Thanks to this innovative, three-stage architecture, this new algorithm for PDF
estimation offers much higher computational efficiency and better scalability
than conventional Monte Carlo methods. In addition, it internally computes an
estimate of the likelihood function, thus relieves the user of this challenging
task. On the other hand, it provides an estimate of the posterior distribution,
which may not be as accurate as that computed by conventional Monte Carlo
methods, because of the approximate nature of the algorithm calculations.

The new PDF estimation
strategy, proposed in this contribution, has been demonstrated on two different
case studies, namely, the estimation of the probability distribution of the key
parameters of a simple fed-batch reactor model and of a more complex
physiologically-based pharmacokinetic model.
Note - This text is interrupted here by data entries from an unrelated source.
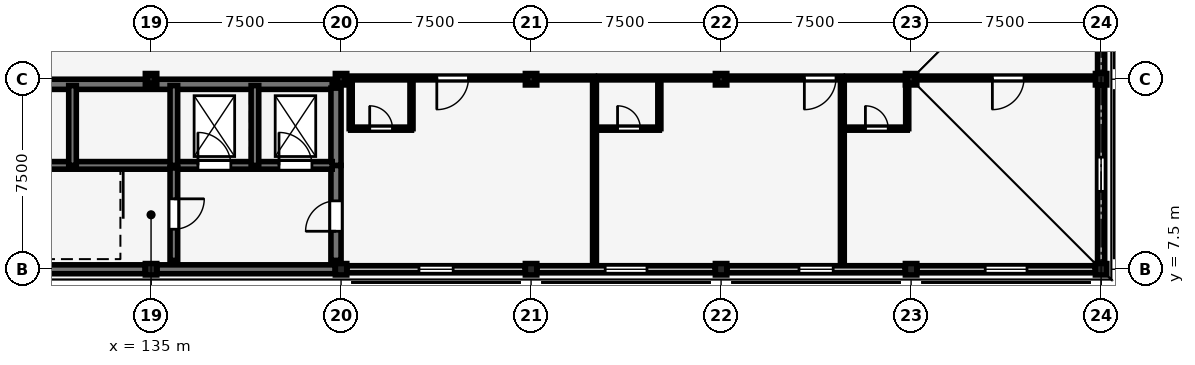
"""IFC4 building model, lengths in metres.
Left out: names, types, materials, properties, quantities, classifications, styles, units other than length and angle.
Written with IfcOpenShell. Run it as: python <this file> out.ifc"""

import sys

from ifc_helpers import new_model, si_unit, direction, frame, frame_2d, origin, origin_2d, place, context, subcontext, project, spatial, rectangle, i_section, extrude, element, fill, save


model = new_model("IFC4")
c1 = context("Model", 3, precision=1e-05, world=origin(), true_north=direction((0.0, 1.0)))
c2 = subcontext(c1, "Body", "Model", "MODEL_VIEW")
j1 = project(units=[si_unit("LENGTHUNIT", "METRE"), si_unit("PLANEANGLEUNIT", "RADIAN")], contexts=[c1])
p1 = place(None, origin())
s1 = spatial("IfcSite", under=j1, at=p1, CompositionType="ELEMENT")
p2 = place(p1, origin())
s2 = spatial("IfcBuilding", under=s1, at=p2, CompositionType="ELEMENT")
p3 = place(p2, frame((0.0, 0.0, 21.9)))
s3 = spatial("IfcBuildingStorey", under=s2, at=p3, CompositionType="ELEMENT", Elevation=21.9)
for number, where, z_axis, x_axis in (
    (1, (135.0, 7.5, 0.0), (0.0, 0.0, 1.0), (1.0, 0.0, 0.0)),
    (2, (135.0, 15.0, 0.0), (0.0, 0.0, 1.0), (1.0, 0.0, 0.0)),
    (3, (142.5, 7.5, 0.0), (0.0, 0.0, 1.0), (1.0, 0.0, 0.0)),
    (4, (142.5, 15.0, 0.0), (0.0, 0.0, 1.0), (1.0, 0.0, 0.0)),
    (5, (150.0, 7.5, 0.0), (0.0, 0.0, 1.0), (1.0, 0.0, 0.0)),
    (6, (150.0, 15.0, 0.0), (0.0, 0.0, 1.0), (1.0, 0.0, 0.0)),
    (7, (157.5, 7.5, 0.0), (0.0, 0.0, 1.0), (1.0, 0.0, 0.0)),
    (8, (157.5, 15.0, 0.0), (0.0, 0.0, 1.0), (1.0, 0.0, 0.0)),
    (9, (165.0, 7.5, 0.0), (0.0, 0.0, 1.0), (1.0, 0.0, 0.0)),
    (10, (165.0, 15.0, 0.0), (0.0, 0.0, 1.0), (1.0, 0.0, 0.0)),
    (11, (172.5, 7.5, 0.0), (0.0, 0.0, 1.0), (1.0, 0.0, 0.0)),
    (12, (172.5, 15.0, 0.0), (0.0, 0.0, 1.0), (1.0, 0.0, 0.0)),
):
    element("IfcColumn", number, at=place(p3, frame(where, z_axis=z_axis, x_axis=x_axis)), inside=s3, PredefinedType="COLUMN", context=c2, shape_type="SweptSolid", body=[
        extrude(rectangle(XDim=0.45, YDim=0.45, at=origin_2d()), origin(), (0.0, 0.0, 1.0), 4.05),
    ])
for number, where, z_axis, x_axis in (
    (13, (135.0, 15.0, 4.05), (0.0, 0.0, 1.0), (1.0, 0.0, 0.0)),
    (14, (142.5, 15.0, 4.05), (0.0, 0.0, 1.0), (1.0, 0.0, 0.0)),
    (15, (150.0, 15.0, 4.05), (0.0, 0.0, 1.0), (1.0, 0.0, 0.0)),
    (16, (157.5, 15.0, 4.05), (0.0, 0.0, 1.0), (1.0, 0.0, 0.0)),
    (17, (165.0, 15.0, 4.05), (0.0, 0.0, 1.0), (1.0, 0.0, 0.0)),
):
    element("IfcColumn", number, at=place(p3, frame(where, z_axis=z_axis, x_axis=x_axis)), inside=s3, PredefinedType="COLUMN", context=c2, shape_type="SweptSolid", body=[
        extrude(i_section(OverallWidth=0.3, OverallDepth=0.3, WebThickness=0.011, FlangeThickness=0.019, FilletRadius=0.027, at=origin_2d()), origin(), (0.0, 0.0, 1.0), 1.97),
    ])
for number, where, z_axis, x_axis in (
    (18, (134.765, 7.5, 0.0), (0.0, 0.0, 1.0), (-1.0, 0.0, 0.0)),
    (19, (142.265, 7.5, 0.0), (0.0, 0.0, 1.0), (-1.0, 0.0, 0.0)),
):
    element("IfcWall", number, at=place(p3, frame(where, z_axis=z_axis, x_axis=x_axis)), inside=s3, PredefinedType="SHEAR", context=c2, shape_type="SweptSolid", body=[
        extrude(rectangle(XDim=7.03, YDim=0.35, at=frame_2d((3.515, 0.0))), origin(), (0.0, 0.0, 1.0), 3.77),
    ])
p4 = place(p3, frame((149.765, 7.5, 0.0), z_axis=(0.0, 0.0, 1.0), x_axis=(-1.0, 0.0, 0.0)))
e20 = element("IfcWall", 20, at=p4, inside=s3, PredefinedType="STANDARD", context=c2, shape_type="SweptSolid", body=[
    extrude(rectangle(XDim=7.03, YDim=0.28, at=frame_2d((3.515, 0.0))), origin(), (0.0, 0.0, 1.0), 3.77),
])
p5 = place(p4, frame((2.84, 0.0, 0.85)))
e21 = element("IfcOpeningElement", 21, at=p5, cuts=e20, PredefinedType="OPENING", context=c2, shape_type="SweptSolid", body=[
    extrude(rectangle(XDim=1.35, YDim=2.25, at=frame_2d((0.675, 1.125))), frame((0.0, 0.15, 0.0), z_axis=(0.0, -1.0, 0.0), x_axis=(1.0, 0.0, 0.0)), (0.0, 0.0, 1.0), 0.3),
])
p6 = place(p3, frame((157.265, 7.5, 0.0), z_axis=(0.0, 0.0, 1.0), x_axis=(-1.0, 0.0, 0.0)))
e22 = element("IfcWall", 22, at=p6, inside=s3, PredefinedType="STANDARD", context=c2, shape_type="SweptSolid", body=[
    extrude(rectangle(XDim=7.03, YDim=0.28, at=frame_2d((3.515, 0.0))), origin(), (0.0, 0.0, 1.0), 3.77),
])
p7 = place(p6, frame((2.69, 0.0, 0.85)))
e23 = element("IfcOpeningElement", 23, at=p7, cuts=e22, PredefinedType="OPENING", context=c2, shape_type="SweptSolid", body=[
    extrude(rectangle(XDim=1.65, YDim=2.25, at=frame_2d((0.825, 1.125))), frame((0.0, 0.15, 0.0), z_axis=(0.0, -1.0, 0.0), x_axis=(1.0, 0.0, 0.0)), (0.0, 0.0, 1.0), 0.3),
])
p8 = place(p3, frame((164.765, 7.5, 0.0), z_axis=(0.0, 0.0, 1.0), x_axis=(-1.0, 0.0, 0.0)))
e24 = element("IfcWall", 24, at=p8, inside=s3, PredefinedType="STANDARD", context=c2, shape_type="SweptSolid", body=[
    extrude(rectangle(XDim=7.03, YDim=0.28, at=frame_2d((3.515, 0.0))), origin(), (0.0, 0.0, 1.0), 3.77),
])
p9 = place(p8, frame((2.84, 0.0, 0.85)))
e25 = element("IfcOpeningElement", 25, at=p9, cuts=e24, PredefinedType="OPENING", context=c2, shape_type="SweptSolid", body=[
    extrude(rectangle(XDim=1.35, YDim=2.25, at=frame_2d((0.675, 1.125))), frame((0.0, 0.15, 0.0), z_axis=(0.0, -1.0, 0.0), x_axis=(1.0, 0.0, 0.0)), (0.0, 0.0, 1.0), 0.3),
])
p10 = place(p3, frame((172.265, 7.5, 0.0), z_axis=(0.0, 0.0, 1.0), x_axis=(-1.0, 0.0, 0.0)))
e26 = element("IfcWall", 26, at=p10, inside=s3, PredefinedType="STANDARD", context=c2, shape_type="SweptSolid", body=[
    extrude(rectangle(XDim=7.03, YDim=0.28, at=frame_2d((3.515, 0.0))), origin(), (0.0, 0.0, 1.0), 3.77),
])
p11 = place(p10, frame((2.69, 0.0, 0.85)))
e27 = element("IfcOpeningElement", 27, at=p11, cuts=e26, PredefinedType="OPENING", context=c2, shape_type="SweptSolid", body=[
    extrude(rectangle(XDim=1.65, YDim=2.25, at=frame_2d((0.825, 1.125))), frame((0.0, 0.15, 0.0), z_axis=(0.0, -1.0, 0.0), x_axis=(1.0, 0.0, 0.0)), (0.0, 0.0, 1.0), 0.3),
])
p12 = place(p3, frame((172.5, 14.765, 0.0), z_axis=(0.0, 0.0, 1.0), x_axis=(0.0, -1.0, 0.0)))
e28 = element("IfcWall", 28, at=p12, inside=s3, PredefinedType="STANDARD", context=c2, shape_type="SweptSolid", body=[
    extrude(rectangle(XDim=7.03, YDim=0.28, at=frame_2d((3.515, 0.0))), origin(), (0.0, 0.0, 1.0), 3.77),
])
p13 = place(p12, frame((2.84, 0.0, 0.85)))
e29 = element("IfcOpeningElement", 29, at=p13, cuts=e28, PredefinedType="OPENING", context=c2, shape_type="SweptSolid", body=[
    extrude(rectangle(XDim=1.35, YDim=2.25, at=frame_2d((0.675, 1.125))), frame((0.0, 0.15, 0.0), z_axis=(0.0, -1.0, 0.0), x_axis=(1.0, 0.0, 0.0)), (0.0, 0.0, 1.0), 0.3),
])
p14 = place(p3, frame((172.5, 22.265, 0.0), z_axis=(0.0, 0.0, 1.0), x_axis=(0.0, -1.0, 0.0)))
e30 = element("IfcWall", 30, at=p14, inside=s3, PredefinedType="STANDARD", context=c2, shape_type="SweptSolid", body=[
    extrude(rectangle(XDim=7.03, YDim=0.28, at=frame_2d((3.515, 0.0))), origin(), (0.0, 0.0, 1.0), 3.77),
])
p15 = place(p14, frame((2.69, 0.0, 0.85)))
e31 = element("IfcOpeningElement", 31, at=p15, cuts=e30, PredefinedType="OPENING", context=c2, shape_type="SweptSolid", body=[
    extrude(rectangle(XDim=1.65, YDim=2.25, at=frame_2d((0.825, 1.125))), frame((0.0, 0.15, 0.0), z_axis=(0.0, -1.0, 0.0), x_axis=(1.0, 0.0, 0.0)), (0.0, 0.0, 1.0), 0.3),
])
p16 = place(p3, frame((127.85, 14.8, 0.0), z_axis=(0.0, 0.0, 1.0), x_axis=(1.0, 0.0, 0.0)))
e32 = element("IfcWall", 32, at=p16, inside=s3, PredefinedType="SHEAR", context=c2, shape_type="SweptSolid", body=[
    extrude(rectangle(XDim=14.3, YDim=0.4, at=frame_2d((7.15, 0.0))), origin(), (0.0, 0.0, 1.0), 3.77),
])
p17 = place(p3, frame((142.3, 7.85, 0.0), z_axis=(0.0, 0.0, 1.0), x_axis=(0.0, 1.0, 0.0)))
e33 = element("IfcWall", 33, at=p17, inside=s3, PredefinedType="SHEAR", context=c2, shape_type="SweptSolid", body=[
    extrude(rectangle(XDim=3.75, YDim=0.4, at=frame_2d((1.875, 0.0))), origin(), (0.0, 0.0, 1.0), 3.77),
])
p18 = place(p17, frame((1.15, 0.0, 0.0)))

As a basis for comparison, these
two problems have also been solved with conventional Monte Carlo methods. Both
case studies confirm that the new PDF estimation strategy, proposed in this
work, offers a very good trade-off between accuracy and computational
efficiency, which make it the ideal candidate for time-critical PDF estimation
tasks. The latter are common in stochastic dynamic optimization, robust data
reconciliation and robust soft-sensing problems.

References

Gamerman, D., Lopes, H.F.
(2006). Markov Chain Monte Carlo - Stochastic simulation for Bayesian inference.
Taylor & Francis Group, New York (NY).

Mondal, S., Chakraborty,
G., Bhattacharyy, K. (2010). LMI approach to robust unknown input observer
design for continuous systems with noise and uncertainties. International
Journal of Control, Automation and Systems, 8, 210-219.

Si, H., Ji, H., Zeng, X.
(2012). Quantitative risk assessment model of hazardous chemicals leakage and
application. Safety Science, 50, 1452-1461.

Rossi, F., Reklaitis, G., Manenti,
F., Buzzi-Ferraris, G. (2016). Multi-scenario
robust online optimization and control of fed-batch systems via dynamic
model-based scenario selection. AIChE Journal, 62, 3264-3284.